NEW YORK, June 18, 2024 (GLOBE NEWSWIRE) -- Namib Minerals (“Namib” or the “Company”), an established gold mining company in the sub-Saharan gold mining industry, and Hennessy Capital Investment Corp. VI (Nasdaq: HCVI) (“HCVI”), a Nasdaq listed special purpose acquisition company, have entered into a definitive business combination agreement (the “Business Combination Agreement”). The proposed business combination (the “Proposed Business Combination") is expected to be completed (the “Closing”) in the fourth quarter of 2024, subject to customary closing conditions, including regulatory and stockholder approvals. The combined public company (“PubCo”) is expected to be named “Namib Minerals” and to list its common stock and warrants to purchase common stock on Nasdaq under the new ticker symbols “NAMM” and “NAMMW”, respectively, subject to approval of its listing application.

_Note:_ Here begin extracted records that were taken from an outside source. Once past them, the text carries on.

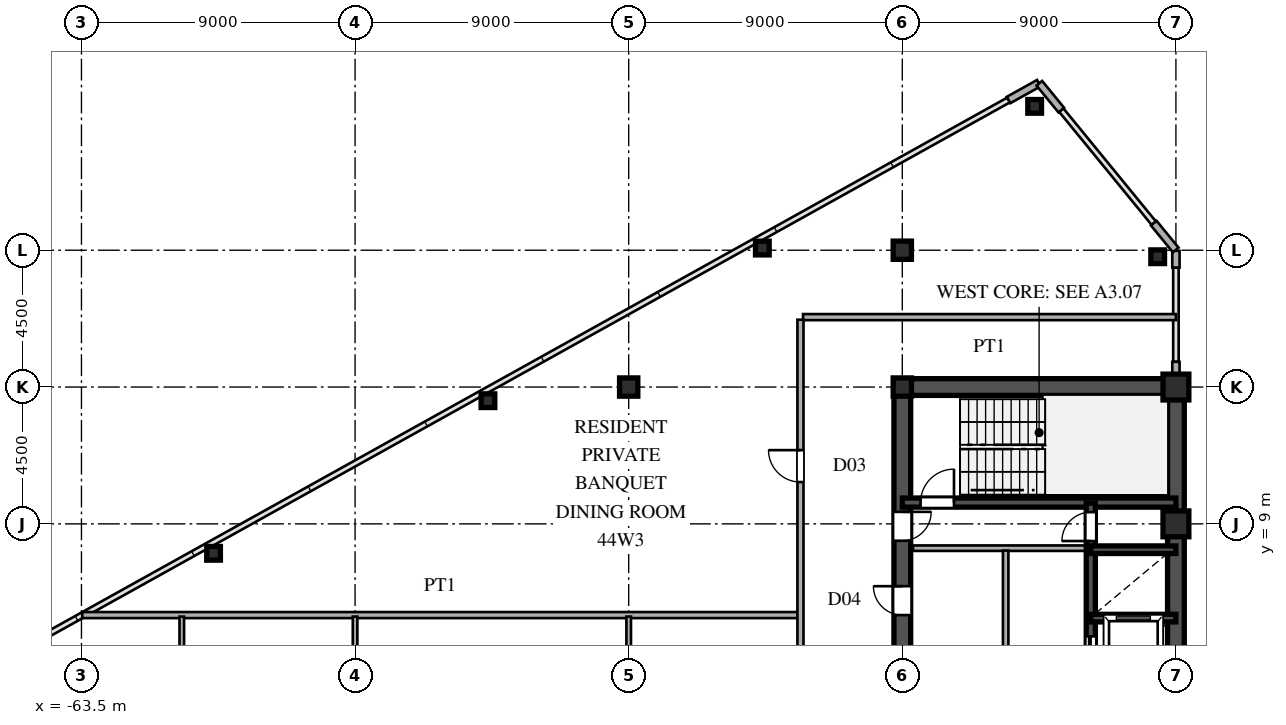
"""IFC4 building model, lengths in metres.
Left out: names, types, materials, properties, quantities, classifications, styles, units other than length and angle.
Written with IfcOpenShell. Run it as: python <this file> out.ifc"""

import sys

from ifc_helpers import new_model, si_unit, direction, frame, frame_2d, origin, origin_2d, place, context, subcontext, project, spatial, rectangle, hollow_rectangle, i_section, extrude, source, transform, mapped, element, fill, save


model = new_model("IFC4")
c1 = context("Model", 3, precision=1e-05, world=origin(), true_north=direction((0.0, 1.0)))
c2 = subcontext(c1, "Body", "Model", "MODEL_VIEW")
j1 = project(units=[si_unit("LENGTHUNIT", "METRE"), si_unit("PLANEANGLEUNIT", "RADIAN")], contexts=[c1])
p1 = place(None, origin())
s1 = spatial("IfcSite", under=j1, at=p1, CompositionType="ELEMENT")
p2 = place(p1, origin())
s2 = spatial("IfcBuilding", under=s1, at=p2, CompositionType="ELEMENT")
p3 = place(p2, frame((0.0, 0.0, 167.1)))
s3 = spatial("IfcBuildingStorey", under=s2, at=p3, CompositionType="ELEMENT", Elevation=167.1)
m1 = source(origin(), c2, "Body", "SweptSolid", [
    extrude(hollow_rectangle(XDim=0.85, YDim=0.85, WallThickness=0.036, at=origin_2d()), origin(), (0.0, 0.0, 1.0), 3.6),
])
for number, where, z_axis, x_axis in (
    (1, (-27.5, 9.0, 0.0), (0.0, 0.0, 1.0), (1.0, 0.0, 0.0)),
    (2, (-27.5, 13.5, 0.0), (0.0, 0.0, 1.0), (1.0, 0.0, 0.0)),
):
    element("IfcColumn", number, at=place(p3, frame(where, z_axis=z_axis, x_axis=x_axis)), inside=s3, PredefinedType="COLUMN", context=c2, shape_type="MappedRepresentation", body=[
        mapped(m1, transform((0.0, 0.0, 0.0), scale=1.0)),
    ])
m2 = source(origin(), c2, "Body", "SweptSolid", [
    extrude(i_section(OverallWidth=0.6, OverallDepth=0.6, WebThickness=0.025, FlangeThickness=0.04, at=origin_2d()), origin(), (0.0, 0.0, 1.0), 3.6),
])
for number, where, z_axis, x_axis in (
    (3, (-36.5, 13.5, 0.0), (0.0, 0.0, 1.0), (1.0, 0.0, 0.0)),
    (4, (-36.5, 18.0, 0.0), (0.0, 0.0, 1.0), (1.0, 0.0, 0.0)),
    (5, (-45.5, 13.5, 0.0), (0.0, 0.0, 1.0), (1.0, 0.0, 0.0)),
):
    element("IfcColumn", number, at=place(p3, frame(where, z_axis=z_axis, x_axis=x_axis)), inside=s3, PredefinedType="COLUMN", context=c2, shape_type="MappedRepresentation", body=[
        mapped(m2, transform((0.0, 0.0, 0.0), scale=1.0)),
    ])
m3 = source(origin(), c2, "Body", "SweptSolid", [
    extrude(hollow_rectangle(XDim=0.45, YDim=0.45, WallThickness=0.018, at=origin_2d()), origin(), (0.0, 0.0, 1.0), 3.6),
])
for number, where, z_axis, x_axis in (
    (6, (-28.1, 17.786, 0.0), (0.0, 0.0, 1.0), (1.0, 0.0, 0.0)),
    (7, (-32.147, 22.732, 0.0), (0.0, 0.0, 1.0), (1.0, 0.0, 0.0)),
    (8, (-41.104, 18.071, 0.0), (0.0, 0.0, 1.0), (1.0, 0.0, 0.0)),
    (9, (-50.129, 13.051, 0.0), (0.0, 0.0, 1.0), (1.0, 0.0, 0.0)),
    (10, (-59.155, 8.031, 0.0), (0.0, 0.0, 1.0), (1.0, 0.0, 0.0)),
):
    element("IfcColumn", number, at=place(p3, frame(where, z_axis=z_axis, x_axis=x_axis)), inside=s3, PredefinedType="COLUMN", context=c2, shape_type="MappedRepresentation", body=[
        mapped(m3, transform((0.0, 0.0, 0.0), scale=1.0)),
    ])
p4 = place(p3, frame((-27.5, 13.78, 0.0), z_axis=(0.0, 0.0, 1.0), x_axis=(0.0, 1.0, 0.0)))
e11 = element("IfcWall", 11, at=p4, inside=s3, PredefinedType="SOLIDWALL", context=c2, shape_type="SweptSolid", body=[
    extrude(rectangle(XDim=0.55, YDim=0.24, at=frame_2d((0.275, 0.0))), origin(), (0.0, 0.0, 1.0), 2.88),
])
p5 = place(p3, frame((-27.5, 17.43, 0.0), z_axis=(0.0, 0.0, 1.0), x_axis=(0.0, 1.0, 0.0)))
e12 = element("IfcWall", 12, at=p5, inside=s3, PredefinedType="SOLIDWALL", context=c2, shape_type="SweptSolid", body=[
    extrude(rectangle(XDim=0.55, YDim=0.24, at=frame_2d((0.275, 0.0))), origin(), (0.0, 0.0, 1.0), 3.38),
])
for number, where, z_axis, x_axis in (
    (13, (-27.506, 18.008, 0.0), (0.0, 0.0, 1.0), (-0.633, 0.774, 0.0)),
    (14, (-31.272, 22.61, 0.0), (0.0, 0.0, 1.0), (-0.633, 0.774, 0.0)),
):
    element("IfcWall", number, at=place(p3, frame(where, z_axis=z_axis, x_axis=x_axis)), inside=s3, PredefinedType="SOLIDWALL", context=c2, shape_type="SweptSolid", body=[
        extrude(rectangle(XDim=1.14, YDim=0.24, at=frame_2d((0.57, 0.0))), origin(), (0.0, 0.0, 1.0), 3.38),
    ])
p6 = place(p3, frame((-32.009, 23.495, 0.0), z_axis=(0.0, 0.0, 1.0), x_axis=(-0.87385402111, -0.486188389196, 0.0)))
e15 = element("IfcWall", 15, at=p6, inside=s3, PredefinedType="SOLIDWALL", context=c2, shape_type="SweptSolid", body=[
    extrude(rectangle(XDim=1.14, YDim=0.24, at=frame_2d((0.57, 0.0))), origin(), (0.0, 0.0, 1.0), 3.38),
])
p7 = place(p3, frame((-27.5, 1.3, 0.0), z_axis=(0.0, 0.0, 1.0), x_axis=(0.0, 1.0, 0.0)))
e16 = element("IfcWall", 16, at=p7, inside=s3, PredefinedType="SHEAR", context=c2, shape_type="SweptSolid", body=[
    extrude(rectangle(XDim=12.2, YDim=0.55, at=frame_2d((6.1, 0.0))), origin(), (0.0, 0.0, 1.0), 3.38),
])
p8 = place(p3, frame((-36.5, 13.5, 0.0), z_axis=(0.0, 0.0, 1.0), x_axis=(1.0, 0.0, 0.0)))
e17 = element("IfcWall", 17, at=p8, inside=s3, PredefinedType="SHEAR", context=c2, shape_type="SweptSolid", body=[
    extrude(rectangle(XDim=9.0, YDim=0.55, at=frame_2d((4.5, 0.0))), origin(), (0.0, 0.0, 1.0), 3.38),
])
p9 = place(p3, frame((-36.5, 8.2, 0.0), z_axis=(0.0, 0.0, 1.0), x_axis=(0.0, 1.0, 0.0)))
e18 = element("IfcWall", 18, at=p9, inside=s3, PredefinedType="SHEAR", context=c2, shape_type="SweptSolid", body=[
    extrude(rectangle(XDim=5.45, YDim=0.55, at=frame_2d((2.725, 0.0))), origin(), (0.0, 0.0, 1.0), 3.38),
])
p10 = place(p9, frame((0.245, 0.0, 0.0)))
e19 = element("IfcOpeningElement", 19, at=p10, cuts=e18, PredefinedType="OPENING", context=c2, shape_type="SweptSolid", body=[
    extrude(rectangle(XDim=0.95, YDim=2.15, at=frame_2d((0.475, 1.075))), frame((0.0, 0.285, 0.0), z_axis=(0.0, -1.0, 0.0), x_axis=(1.0, 0.0, 0.0)), (0.0, 0.0, 1.0), 0.57),
])
p11 = place(p3, frame((-36.5, 4.75, 0.0), z_axis=(0.0, 0.0, 1.0), x_axis=(0.0, 1.0, 0.0)))
e20 = element("IfcWall", 20, at=p11, inside=s3, PredefinedType="SHEAR", context=c2, shape_type="SweptSolid", body=[
    extrude(rectangle(XDim=3.45, YDim=0.55, at=frame_2d((1.725, 0.0))), origin(), (0.0, 0.0, 1.0), 3.38),
])
p12 = place(p11, frame((1.25, 0.0, 0.0)))
e21 = element("IfcOpeningElement", 21, at=p12, cuts=e20, PredefinedType="OPENING", context=c2, shape_type="SweptSolid", body=[
    extrude(rectangle(XDim=0.95, YDim=2.15, at=frame_2d((0.475, 1.075))), frame((0.0, 0.285, 0.0), z_axis=(0.0, -1.0, 0.0), x_axis=(1.0, 0.0, 0.0)), (0.0, 0.0, 1.0), 0.57),
])
p13 = place(p3, frame((-36.5, 9.7, 0.0), z_axis=(0.0, 0.0, 1.0), x_axis=(1.0, 0.0, 0.0)))
e22 = element("IfcWall", 22, at=p13, inside=s3, PredefinedType="SHEAR", context=c2, shape_type="SweptSolid", body=[
    extrude(rectangle(XDim=9.0, YDim=0.3, at=frame_2d((4.5, 0.0))), origin(), (0.0, 0.0, 1.0), 3.38),
])
p14 = place(p13, frame((0.6, 0.0, 0.0)))
e23 = element("IfcOpeningElement", 23, at=p14, cuts=e22, PredefinedType="OPENING", context=c2, shape_type="SweptSolid", body=[
    extrude(rectangle(XDim=1.1, YDim=2.2, at=frame_2d((0.55, 1.1))), frame((0.0, 0.16, 0.0), z_axis=(0.0, -1.0, 0.0), x_axis=(1.0, 0.0, 0.0)), (0.0, 0.0, 1.0), 0.32),
])
for number, where, z_axis, x_axis in (
    (24, (-30.3, 5.9, 0.0), (0.0, 0.0, 1.0), (1.0, 0.0, 0.0)),
    (25, (-30.3, 8.15, 0.0), (0.0, 0.0, 1.0), (1.0, 0.0, 0.0)),
):
    element("IfcWall", number, at=place(p3, frame(where, z_axis=z_axis, x_axis=x_axis)), inside=s3, PredefinedType="SHEAR", context=c2, shape_type="SweptSolid", body=[
        extrude(rectangle(XDim=2.8, YDim=0.25, at=frame_2d((1.4, 0.0))), origin(), (0.0, 0.0, 1.0), 3.38),
    ])
p15 = place(p3, frame((-30.3, 3.6, 0.0), z_axis=(0.0, 0.0, 1.0), x_axis=(0.0, 1.0, 0.0)))
e26 = element("IfcWall", 26, at=p15, inside=s3, PredefinedType="SHEAR", context=c2, shape_type="SweptSolid", body=[
    extrude(rectangle(XDim=2.3, YDim=0.3, at=frame_2d((1.15, 0.0))), origin(), (0.0, 0.0, 1.0), 3.38),
])
p16 = place(p15, frame((0.6, 0.0, 0.0)))
e27 = element("IfcOpeningElement", 27, at=p16, cuts=e26, PredefinedType="OPENING", context=c2, shape_type="SweptSolid", body=[
    extrude(rectangle(XDim=1.1, YDim=2.2, at=frame_2d((0.55, 1.1))), frame((0.0, 0.16, 0.0), z_axis=(0.0, -1.0, 0.0), x_axis=(1.0, 0.0, 0.0)), (0.0, 0.0, 1.0), 0.32),
])
p17 = place(p3, frame((-30.3, 5.9, 0.0), z_axis=(0.0, 0.0, 1.0), x_axis=(0.0, 1.0, 0.0)))
e28 = element("IfcWall", 28, at=p17, inside=s3, PredefinedType="SHEAR", context=c2, shape_type="SweptSolid", body=[
    extrude(rectangle(XDim=2.25, YDim=0.3, at=frame_2d((1.125, 0.0))), origin(), (0.0, 0.0, 1.0), 3.38),
])
p18 = place(p3, frame((-30.3, 8.15, 0.0), z_axis=(0.0, 0.0, 1.0), x_axis=(0.0, 1.0, 0.0)))
e29 = element("IfcWall", 29, at=p18, inside=s3, PredefinedType="SHEAR", context=c2, shape_type="SweptSolid", body=[
    extrude(rectangle(XDim=1.53, YDim=0.3, at=frame_2d((0.765, 0.0))), origin(), (0.0, 0.0, 1.0), 3.38),
])
p19 = place(p18, frame((0.285, 0.0, 0.0)))
e30 = element("IfcOpeningElement", 30, at=p19, cuts=e29, PredefinedType="OPENING", context=c2, shape_type="SweptSolid", body=[
    extrude(rectangle(XDim=0.95, YDim=2.15, at=frame_2d((0.475, 1.075))), frame((0.0, 0.16, 0.0), z_axis=(0.0, -1.0, 0.0), x_axis=(1.0, 0.0, 0.0)), (0.0, 0.0, 1.0), 0.32),
])
p20 = place(p3, frame((-36.15, 8.2, 0.0), z_axis=(0.0, 0.0, 1.0), x_axis=(1.0, 0.0, 0.0)))
e31 = element("IfcWall", 31, at=p20, inside=s3, PredefinedType="PARTITIONING", context=c2, shape_type="SweptSolid", body=[
    extrude(rectangle(XDim=5.7, YDim=0.18, at=frame_2d((2.85, 0.0))), origin(), (0.0, 0.0, 1.0), 3.38),
])
p21 = place(p3, frame((-33.1, 1.38, 0.0), z_axis=(0.0, 0.0, 1.0), x_axis=(0.0, 1.0, 0.0)))
e32 = element("IfcWall", 32, at=p21, inside=s3, PredefinedType="PARTITIONING", context=c2, shape_type="SweptSolid", body=[
    extrude(rectangle(XDim=6.74, YDim=0.18, at=frame_2d((3.37, 0.0))), origin(), (0.0, 0.0, 1.0), 3.38),
])
p22 = place(p3, frame((-63.476, 6.0, 0.0), z_axis=(0.0, 0.0, 1.0), x_axis=(1.0, 0.0, 0.0)))
e33 = element("IfcWall", 33, at=p22, inside=s3, PredefinedType="PARTITIONING", context=c2, shape_type="SweptSolid", body=[
    extrude(rectangle(XDim=23.546, YDim=0.2, at=frame_2d((11.773, 0.0))), origin(), (0.0, 0.0, 1.0), 3.38),
])
p23 = place(p3, frame((-39.765, 15.8, 0.0), z_axis=(0.0, 0.0, 1.0), x_axis=(1.0, 0.0, 0.0)))
e34 = element("IfcWall", 34, at=p23, inside=s3, PredefinedType="PARTITIONING", context=c2, shape_type="SweptSolid", body=[
    extrude(rectangle(XDim=12.265, YDim=0.2, at=frame_2d((6.132, 0.0))), origin(), (0.0, 0.0, 1.0), 3.38),
])
p24 = place(p3, frame((-60.2, -3.283, 0.0), z_axis=(0.0, 0.0, 1.0), x_axis=(0.0, 1.0, 0.0)))
e35 = element("IfcWall", 35, at=p24, inside=s3, PredefinedType="PARTITIONING", context=c2, shape_type="SweptSolid", body=[
    extrude(rectangle(XDim=9.233, YDim=0.15, at=frame_2d((4.616, 0.0))), origin(), (0.0, 0.0, 1.0), 3.38),
])
p25 = place(p24, frame((1.808, 0.0, 0.0)))
e36 = element("IfcOpeningElement", 36, at=p25, cuts=e35, PredefinedType="OPENING", context=c2, shape_type="SweptSolid", body=[
    extrude(rectangle(XDim=0.95, YDim=2.15, at=frame_2d((0.475, 1.075))), frame((0.0, 0.085, 0.0), z_axis=(0.0, -1.0, 0.0), x_axis=(1.0, 0.0, 0.0)), (0.0, 0.0, 1.0), 0.17),
])
p26 = place(p24, frame((6.475, 0.0, 0.0)))
e37 = element("IfcOpeningElement", 37, at=p26, cuts=e35, PredefinedType="OPENING", context=c2, shape_type="SweptSolid", body=[
    extrude(rectangle(XDim=0.95, YDim=2.15, at=frame_2d((0.475, 1.075))), frame((0.0, 0.085, 0.0), z_axis=(0.0, -1.0, 0.0), x_axis=(1.0, 0.0, 0.0)), (0.0, 0.0, 1.0), 0.17),
])
p27 = place(p3, frame((-54.5, -7.95, 0.0), z_axis=(0.0, 0.0, 1.0), x_axis=(0.0, 1.0, 0.0)))
e38 = element("IfcWall", 38, at=p27, inside=s3, PredefinedType="PARTITIONING", context=c2, shape_type="SweptSolid", body=[
    extrude(rectangle(XDim=13.9, YDim=0.15, at=frame_2d((6.95, 0.0))), origin(), (0.0, 0.0, 1.0), 2.78),
])
p28 = place(p27, frame((6.475, 0.0, 0.0)))
e39 = element("IfcOpeningElement", 39, at=p28, cuts=e38, PredefinedType="OPENING", context=c2, shape_type="SweptSolid", body=[
    extrude(rectangle(XDim=0.95, YDim=2.15, at=frame_2d((0.475, 1.075))), frame((0.0, 0.085, 0.0), z_axis=(0.0, -1.0, 0.0), x_axis=(1.0, 0.0, 0.0)), (0.0, 0.0, 1.0), 0.17),
])
p29 = place(p3, frame((-45.5, 1.852, 0.0), z_axis=(0.0, 0.0, 1.0), x_axis=(0.0, 1.0, 0.0)))
e40 = element("IfcWall", 40, at=p29, inside=s3, PredefinedType="PARTITIONING", context=c2, shape_type="SweptSolid", body=[
    extrude(rectangle(XDim=4.098, YDim=0.15, at=frame_2d((2.049, 0.0))), origin(), (0.0, 0.0, 1.0), 2.78),
])
p30 = place(p3, frame((-39.85, -15.715, 0.0), z_axis=(0.0, 0.0, 1.0), x_axis=(0.0, 1.0, 0.0)))
e41 = element("IfcWall", 41, at=p30, inside=s3, PredefinedType="PARTITIONING", context=c2, shape_type="SweptSolid", body=[
    extrude(rectangle(XDim=31.43, YDim=0.2, at=frame_2d((15.715, 0.0))), origin(), (0.0, 0.0, 1.0), 3.38),
])
p31 = place(p30, frame((3.29, 0.0, 0.0)))
e42 = element("IfcOpeningElement", 42, at=p31, cuts=e41, PredefinedType="OPENING", context=c2, shape_type="SweptSolid", body=[
    extrude(rectangle(XDim=1.05, YDim=2.25, at=frame_2d((0.525, 1.125))), frame((0.0, 0.11, 0.0), z_axis=(0.0, -1.0, 0.0), x_axis=(1.0, 0.0, 0.0)), (0.0, 0.0, 1.0), 0.22),
])
p32 = place(p30, frame((13.98, 0.0, 0.0)))
e43 = element("IfcOpeningElement", 43, at=p32, cuts=e41, PredefinedType="OPENING", context=c2, shape_type="SweptSolid", body=[
    extrude(rectangle(XDim=1.05, YDim=2.25, at=frame_2d((0.525, 1.125))), frame((0.0, 0.11, 0.0), z_axis=(0.0, -1.0, 0.0), x_axis=(1.0, 0.0, 0.0)), (0.0, 0.0, 1.0), 0.22),
])
p33 = place(p30, frame((26.09, 0.0, 0.0)))
e44 = element("IfcOpeningElement", 44, at=p33, cuts=e41, PredefinedType="OPENING", context=c2, shape_type="SweptSolid", body=[
    extrude(rectangle(XDim=1.05, YDim=2.25, at=frame_2d((0.525, 1.125))), frame((0.0, 0.11, 0.0), z_axis=(0.0, -1.0, 0.0), x_axis=(1.0, 0.0, 0.0)), (0.0, 0.0, 1.0), 0.22),
])
m4 = source(origin(), c2, "Body", "SweptSolid", [
    extrude(rectangle(XDim=0.95, YDim=2.15, at=frame_2d((0.475, 1.075))), frame((0.0, 0.025, 0.0), z_axis=(0.0, -1.0, 0.0), x_axis=(1.0, 0.0, 0.0)), (0.0, 0.0, 1.0), 0.05),
])
p34 = place(p10, frame((0.95, 0.0, 0.0), z_axis=(0.0, 0.0, 1.0), x_axis=(-1.0, 0.0, 0.0)))
e45 = element("IfcDoor", 45, at=p34, inside=s3, OperationType="SINGLE_SWING_RIGHT", PredefinedType="DOOR", context=c2, shape_type="MappedRepresentation", body=[
    mapped(m4, transform((0.0, 0.0, 0.0), scale=1.0)),
])
fill(e19, e45)
p35 = place(p12, origin())
e46 = element("IfcDoor", 46, at=p35, inside=s3, OperationType="SINGLE_SWING_RIGHT", PredefinedType="DOOR", context=c2, shape_type="MappedRepresentation", body=[
    mapped(m4, transform((0.0, 0.0, 0.0), scale=1.0)),
])
fill(e21, e46)
m5 = source(origin(), c2, "Body", "SweptSolid", [
    extrude(rectangle(XDim=1.1, YDim=2.2, at=frame_2d((0.55, 1.1))), frame((0.0, 0.025, 0.0), z_axis=(0.0, -1.0, 0.0), x_axis=(1.0, 0.0, 0.0)), (0.0, 0.0, 1.0), 0.05),
])
p36 = place(p14, origin())
e47 = element("IfcDoor", 47, at=p36, inside=s3, OperationType="SINGLE_SWING_RIGHT", PredefinedType="DOOR", context=c2, shape_type="MappedRepresentation", body=[
    mapped(m5, transform((0.0, 0.0, 0.0), scale=1.0)),
])
fill(e23, e47)
m6 = source(origin(), c2, "Body", "SweptSolid", [
    extrude(rectangle(XDim=1.1, YDim=2.2, at=frame_2d((0.55, 1.1))), frame((0.0, 0.025, 0.0), z_axis=(0.0, -1.0, 0.0), x_axis=(1.0, 0.0, 0.0)), (0.0, 0.0, 1.0), 0.05),
])
p37 = place(p16, origin())
e48 = element("IfcDoor", 48, at=p37, inside=s3, OperationType="DOUBLE_DOOR_SLIDING", PredefinedType="DOOR", context=c2, shape_type="MappedRepresentation", body=[
    mapped(m6, transform((0.0, 0.0, 0.0), scale=1.0)),
])
fill(e27, e48)
p38 = place(p19, origin())
e49 = element("IfcDoor", 49, at=p38, inside=s3, OperationType="SINGLE_SWING_LEFT", PredefinedType="DOOR", context=c2, shape_type="MappedRepresentation", body=[
    mapped(m4, transform((0.0, 0.0, 0.0), scale=1.0)),
])
fill(e30, e49)
m7 = source(origin(), c2, "Body", "SweptSolid", [
    extrude(rectangle(XDim=1.05, YDim=2.25, at=frame_2d((0.525, 1.125))), frame((0.0, 0.025, 0.0), z_axis=(0.0, -1.0, 0.0), x_axis=(1.0, 0.0, 0.0)), (0.0, 0.0, 1.0), 0.05),
])
p39 = place(p33, origin())
e50 = element("IfcDoor", 50, at=p39, inside=s3, OperationType="SINGLE_SWING_RIGHT", PredefinedType="DOOR", context=c2, shape_type="MappedRepresentation", body=[
    mapped(m7, transform((0.0, 0.0, 0.0), scale=1.0)),
])
fill(e44, e50)
save(model, sys.argv[1])

The Proposed Business Combination consideration of approximately 50 million PubCo ordinary shares values Namib at a pre-money enterprise value of $500 million, with up to an additional 30 million PubCo ordinary shares tied to the completion of operational milestones, including the commercial production of the Mazowe and Redwing mines. The Proposed Business Combination is expected to deliver net proceeds to Namib of approximately $91 million, assuming no further redemptions by HCVI’s public stockholders, as well as approximately $60 million of additional funding from one or more financing agreements with investors expected to be executed prior to the Closing. As a result of the Proposed Business Combination, Namib expects to benefit from continued operational efficiency and cash flow generation from its producing How mine and the build-out of Namib’s multi-asset growth path. The Proposed Business Combination also represents the largest African deSPAC to date. Namib’s existing management team, led by Chief Executive Officer, Ibrahima Tall, will continue to lead the business after the Closing.